Abstract

We study the slowing down of polymer dynamics in canonical nanocomposites made of strongly interacting mixtures of poly-2-vinyl pyridine and silica nanoparticles (radius R = 7 ± 2 nm) by means of low-field NMR relaxometry. We demonstrate that this technique enables the accurate quantification of the fraction of immobilized (irreversibly adsorbed) polymer on to the filler surface, in a manner that complements data from broadband dielectric spectroscopy (BDS) and differential scanning calorimetry (DSC). We rationalize the slowing down using two previously developed approaches to model the immobilized layer.

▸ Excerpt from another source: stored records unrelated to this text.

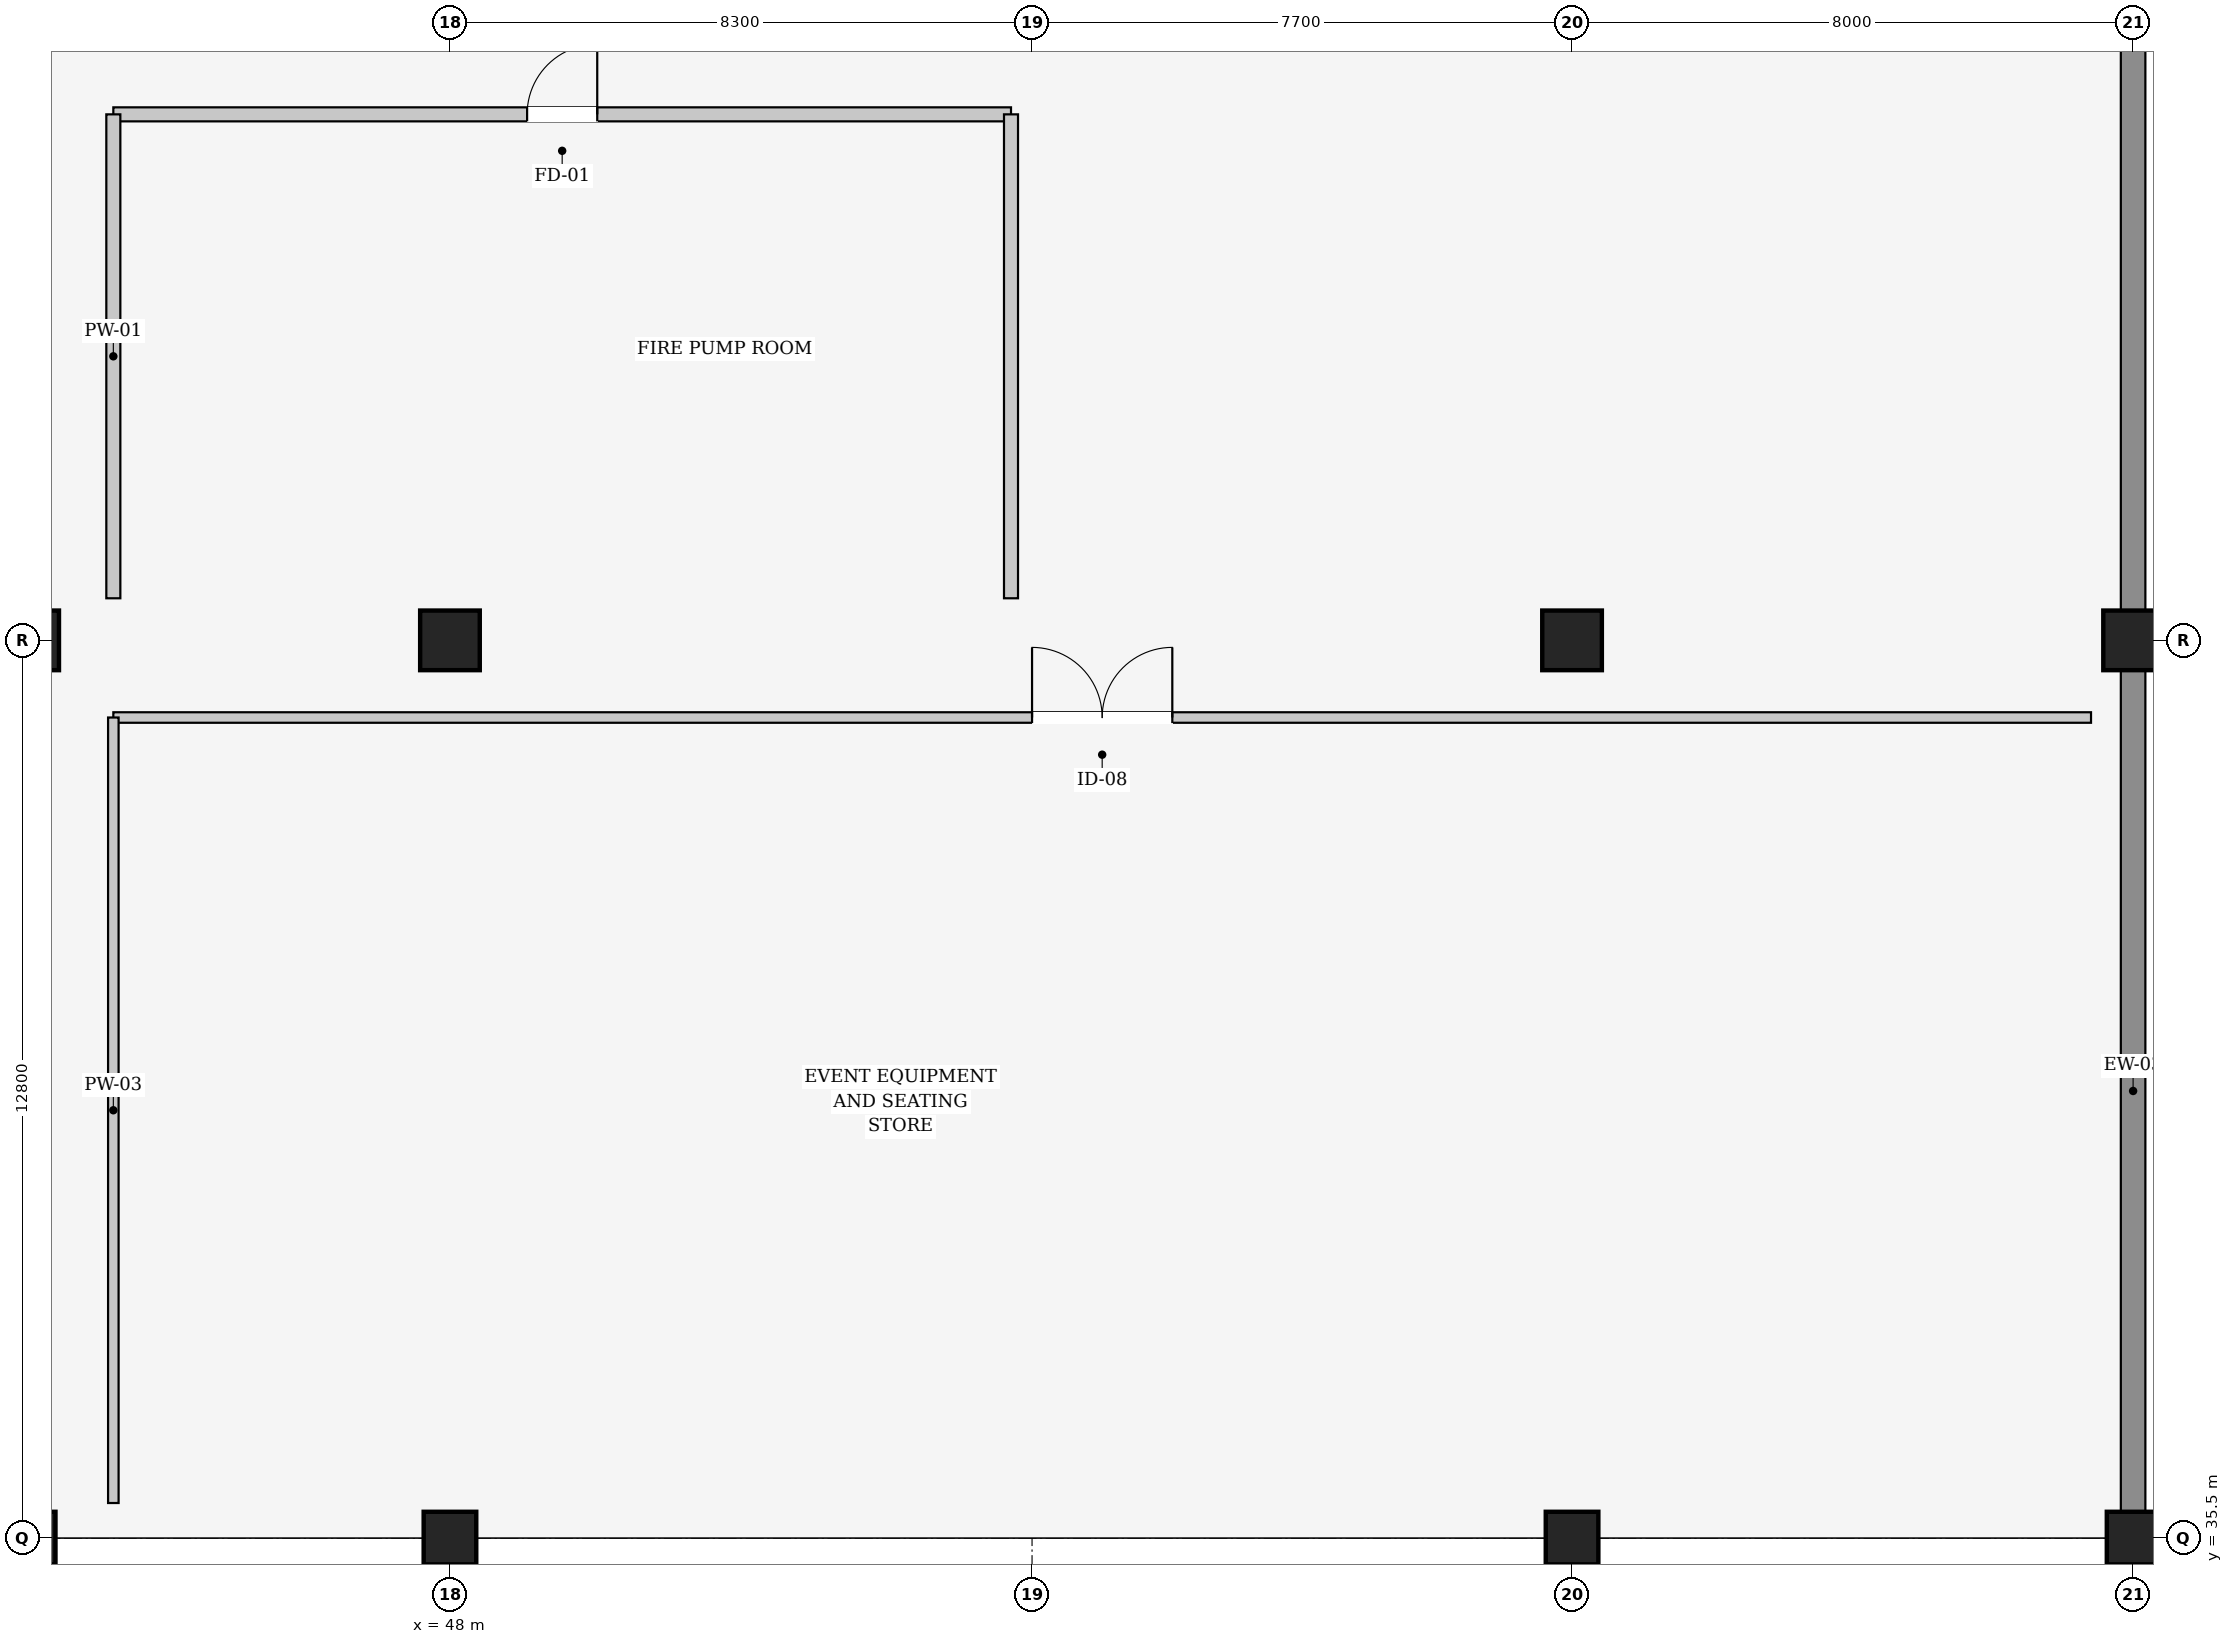
"""IFC4 building model, lengths in metres.
Left out: names, types, materials, properties, quantities, classifications, styles, units other than length and angle.
Written with IfcOpenShell. Run it as: python <this file> out.ifc"""

import sys

from ifc_helpers import new_model, si_unit, direction, frame, frame_2d, origin, origin_2d, place, context, subcontext, project, spatial, rectangle, extrude, element, fill, save


model = new_model("IFC4")
c1 = context("Model", 3, precision=1e-05, world=origin(), true_north=direction((0.0, 1.0)))
c2 = subcontext(c1, "Body", "Model", "MODEL_VIEW")
j1 = project(units=[si_unit("LENGTHUNIT", "METRE"), si_unit("PLANEANGLEUNIT", "RADIAN")], contexts=[c1])
p1 = place(None, origin())
s1 = spatial("IfcSite", under=j1, at=p1, CompositionType="ELEMENT")
p2 = place(p1, origin())
s2 = spatial("IfcBuilding", under=s1, at=p2, CompositionType="ELEMENT")
p3 = place(p2, origin())
s3 = spatial("IfcBuildingStorey", under=s2, at=p3, CompositionType="ELEMENT", Elevation=0.0)
p4 = place(p3, frame((42.0, 35.5, 0.0), z_axis=(0.0, 0.0, 1.0), x_axis=(1.0, 0.0, 0.0)))
e1 = element("IfcColumn", 1, at=p4, inside=s3, PredefinedType="COLUMN", context=c2, shape_type="SweptSolid", body=[
    extrude(rectangle(XDim=0.75, YDim=0.75, at=origin_2d()), origin(), (0.0, 0.0, 1.0), 6.0),
])
p5 = place(p3, frame((42.0, 48.3, 0.0), z_axis=(0.0, 0.0, 1.0), x_axis=(1.0, 0.0, 0.0)))
e2 = element("IfcColumn", 2, at=p5, inside=s3, PredefinedType="COLUMN", context=c2, shape_type="SweptSolid", body=[
    extrude(rectangle(XDim=0.85, YDim=0.85, at=origin_2d()), origin(), (0.0, 0.0, 1.0), 6.0),
])
p6 = place(p3, frame((48.0, 35.5, 0.0), z_axis=(0.0, 0.0, 1.0), x_axis=(1.0, 0.0, 0.0)))
e3 = element("IfcColumn", 3, at=p6, inside=s3, PredefinedType="COLUMN", context=c2, shape_type="SweptSolid", body=[
    extrude(rectangle(XDim=0.75, YDim=0.75, at=origin_2d()), origin(), (0.0, 0.0, 1.0), 6.0),
])
p7 = place(p3, frame((48.0, 48.3, 0.0), z_axis=(0.0, 0.0, 1.0), x_axis=(1.0, 0.0, 0.0)))
e4 = element("IfcColumn", 4, at=p7, inside=s3, PredefinedType="COLUMN", context=c2, shape_type="SweptSolid", body=[
    extrude(rectangle(XDim=0.85, YDim=0.85, at=origin_2d()), origin(), (0.0, 0.0, 1.0), 6.0),
])
p8 = place(p3, frame((64.0, 35.5, 0.0), z_axis=(0.0, 0.0, 1.0), x_axis=(1.0, 0.0, 0.0)))
e5 = element("IfcColumn", 5, at=p8, inside=s3, PredefinedType="COLUMN", context=c2, shape_type="SweptSolid", body=[
    extrude(rectangle(XDim=0.75, YDim=0.75, at=origin_2d()), origin(), (0.0, 0.0, 1.0), 6.0),
])
p9 = place(p3, frame((64.0, 48.3, 0.0), z_axis=(0.0, 0.0, 1.0), x_axis=(1.0, 0.0, 0.0)))
e6 = element("IfcColumn", 6, at=p9, inside=s3, PredefinedType="COLUMN", context=c2, shape_type="SweptSolid", body=[
    extrude(rectangle(XDim=0.85, YDim=0.85, at=origin_2d()), origin(), (0.0, 0.0, 1.0), 6.0),
])
p10 = place(p3, frame((72.0, 35.5, 0.0), z_axis=(0.0, 0.0, 1.0), x_axis=(1.0, 0.0, 0.0)))
e7 = element("IfcColumn", 7, at=p10, inside=s3, PredefinedType="COLUMN", context=c2, shape_type="SweptSolid", body=[
    extrude(rectangle(XDim=0.75, YDim=0.75, at=origin_2d()), origin(), (0.0, 0.0, 1.0), 6.0),
])
p11 = place(p3, frame((72.0, 48.3, 0.0), z_axis=(0.0, 0.0, 1.0), x_axis=(1.0, 0.0, 0.0)))
e8 = element("IfcColumn", 8, at=p11, inside=s3, PredefinedType="COLUMN", context=c2, shape_type="SweptSolid", body=[
    extrude(rectangle(XDim=0.85, YDim=0.85, at=origin_2d()), origin(), (0.0, 0.0, 1.0), 6.0),
])
p12 = place(p3, frame((72.0, 47.893, 0.0), z_axis=(0.0, 0.0, 1.0), x_axis=(0.0, -1.0, 0.0)))
e9 = element("IfcWall", 9, at=p12, inside=s3, PredefinedType="SOLIDWALL", context=c2, shape_type="SweptSolid", body=[
    extrude(rectangle(XDim=12.036, YDim=0.35, at=frame_2d((6.018, 0.0))), origin(), (0.0, 0.0, 1.0), 4.94),
])
p13 = place(p3, frame((72.0, 61.093, 0.0), z_axis=(0.0, 0.0, 1.0), x_axis=(0.0, -1.0, 0.0)))
e10 = element("IfcWall", 10, at=p13, inside=s3, PredefinedType="SOLIDWALL", context=c2, shape_type="SweptSolid", body=[
    extrude(rectangle(XDim=12.386, YDim=0.35, at=frame_2d((6.193, 0.0))), origin(), (0.0, 0.0, 1.0), 4.94),
])
p14 = place(p3, frame((43.2, 55.8, 0.0), z_axis=(0.0, 0.0, 1.0), x_axis=(1.0, 0.0, 0.0)))
e11 = element("IfcWall", 11, at=p14, inside=s3, PredefinedType="PARTITIONING", context=c2, shape_type="SweptSolid", body=[
    extrude(rectangle(XDim=12.8, YDim=0.2, at=frame_2d((6.4, 0.0))), origin(), (0.0, 0.0, 1.0), 5.142),
])
p15 = place(p14, frame((5.9, 0.0, 0.0)))
e12 = element("IfcOpeningElement", 12, at=p15, cuts=e11, PredefinedType="OPENING", context=c2, shape_type="SweptSolid", body=[
    extrude(rectangle(XDim=1.0, YDim=2.15, at=frame_2d((0.5, 1.075))), frame((0.0, 0.11, 0.0), z_axis=(0.0, -1.0, 0.0), x_axis=(1.0, 0.0, 0.0)), (0.0, 0.0, 1.0), 0.22),
])
for number, where, z_axis, x_axis in (
    (13, (43.2, 48.9, 0.0), (0.0, 0.0, 1.0), (0.0, 1.0, 0.0)),
    (14, (56.0, 55.8, 0.0), (0.0, 0.0, 1.0), (0.0, -1.0, 0.0)),
):
    element("IfcWall", number, at=place(p3, frame(where, z_axis=z_axis, x_axis=x_axis)), inside=s3, PredefinedType="PARTITIONING", context=c2, shape_type="SweptSolid", body=[
        extrude(rectangle(XDim=6.9, YDim=0.2, at=frame_2d((3.45, 0.0))), origin(), (0.0, 0.0, 1.0), 5.32),
    ])
p16 = place(p3, frame((43.2, 47.2, 0.0), z_axis=(0.0, 0.0, 1.0), x_axis=(1.0, 0.0, 0.0)))
e15 = element("IfcWall", 15, at=p16, inside=s3, PredefinedType="PARTITIONING", context=c2, shape_type="SweptSolid", body=[
    extrude(rectangle(XDim=28.2, YDim=0.15, at=frame_2d((14.1, 0.0))), origin(), (0.0, 0.0, 1.0), 5.142),
])
p17 = place(p16, frame((13.1, 0.0, 0.0)))
e16 = element("IfcOpeningElement", 16, at=p17, cuts=e15, PredefinedType="OPENING", context=c2, shape_type="SweptSolid", body=[
    extrude(rectangle(XDim=2.0, YDim=2.4, at=frame_2d((1.0, 1.2))), frame((0.0, 0.085, 0.0), z_axis=(0.0, -1.0, 0.0), x_axis=(1.0, 0.0, 0.0)), (0.0, 0.0, 1.0), 0.17),
])
p18 = place(p3, frame((43.2, 36.0, 0.0), z_axis=(0.0, 0.0, 1.0), x_axis=(0.0, 1.0, 0.0)))
e17 = element("IfcWall", 17, at=p18, inside=s3, PredefinedType="PARTITIONING", context=c2, shape_type="SweptSolid", body=[
    extrude(rectangle(XDim=11.2, YDim=0.15, at=frame_2d((5.6, 0.0))), origin(), (0.0, 0.0, 1.0), 5.32),
])
p19 = place(p15, origin())
e18 = element("IfcDoor", 18, at=p19, inside=s3, OperationType="SINGLE_SWING_RIGHT", PredefinedType="DOOR", context=c2, shape_type="SweptSolid", body=[
    extrude(rectangle(XDim=1.0, YDim=2.15, at=frame_2d((0.5, 1.075))), frame((0.0, 0.025, 0.0), z_axis=(0.0, -1.0, 0.0), x_axis=(1.0, 0.0, 0.0)), (0.0, 0.0, 1.0), 0.05),
])
fill(e12, e18)
p20 = place(p17, origin())
e19 = element("IfcDoor", 19, at=p20, inside=s3, OperationType="DOUBLE_DOOR_SINGLE_SWING", PredefinedType="DOOR", context=c2, shape_type="SweptSolid", body=[
    extrude(rectangle(XDim=2.0, YDim=2.4, at=frame_2d((1.0, 1.2))), frame((0.0, 0.025, 0.0), z_axis=(0.0, -1.0, 0.0), x_axis=(1.0, 0.0, 0.0)), (0.0, 0.0, 1.0), 0.05),
])
fill(e16, e19)
save(model, sys.argv[1])

The first one is based on a glass-transition temperature (Tg) gradient, while the second one assumes a single interfacial component with a distribution of relaxation times. While both models convincingly fit the NMR data providing us with robust and complementary conclusions, the former approach is found to fit more accurately previously published DSC experiments. Quantitatively, NMR results indicate that the segmental relaxation of the immobilized layer is ca. 1 decade slower than in the bulk polymer, while earlier BDS analyses were equivocal on this point, indicating either 1 or 2 decades. These discrepancies highlight the difficulties and potential model dependencies in quantifying the dynamics of the minority polymer fraction in the immobilized layer, necessitating a systematic multi-technique approach to properly characterize dynamical heterogeneities in polymer-based materials.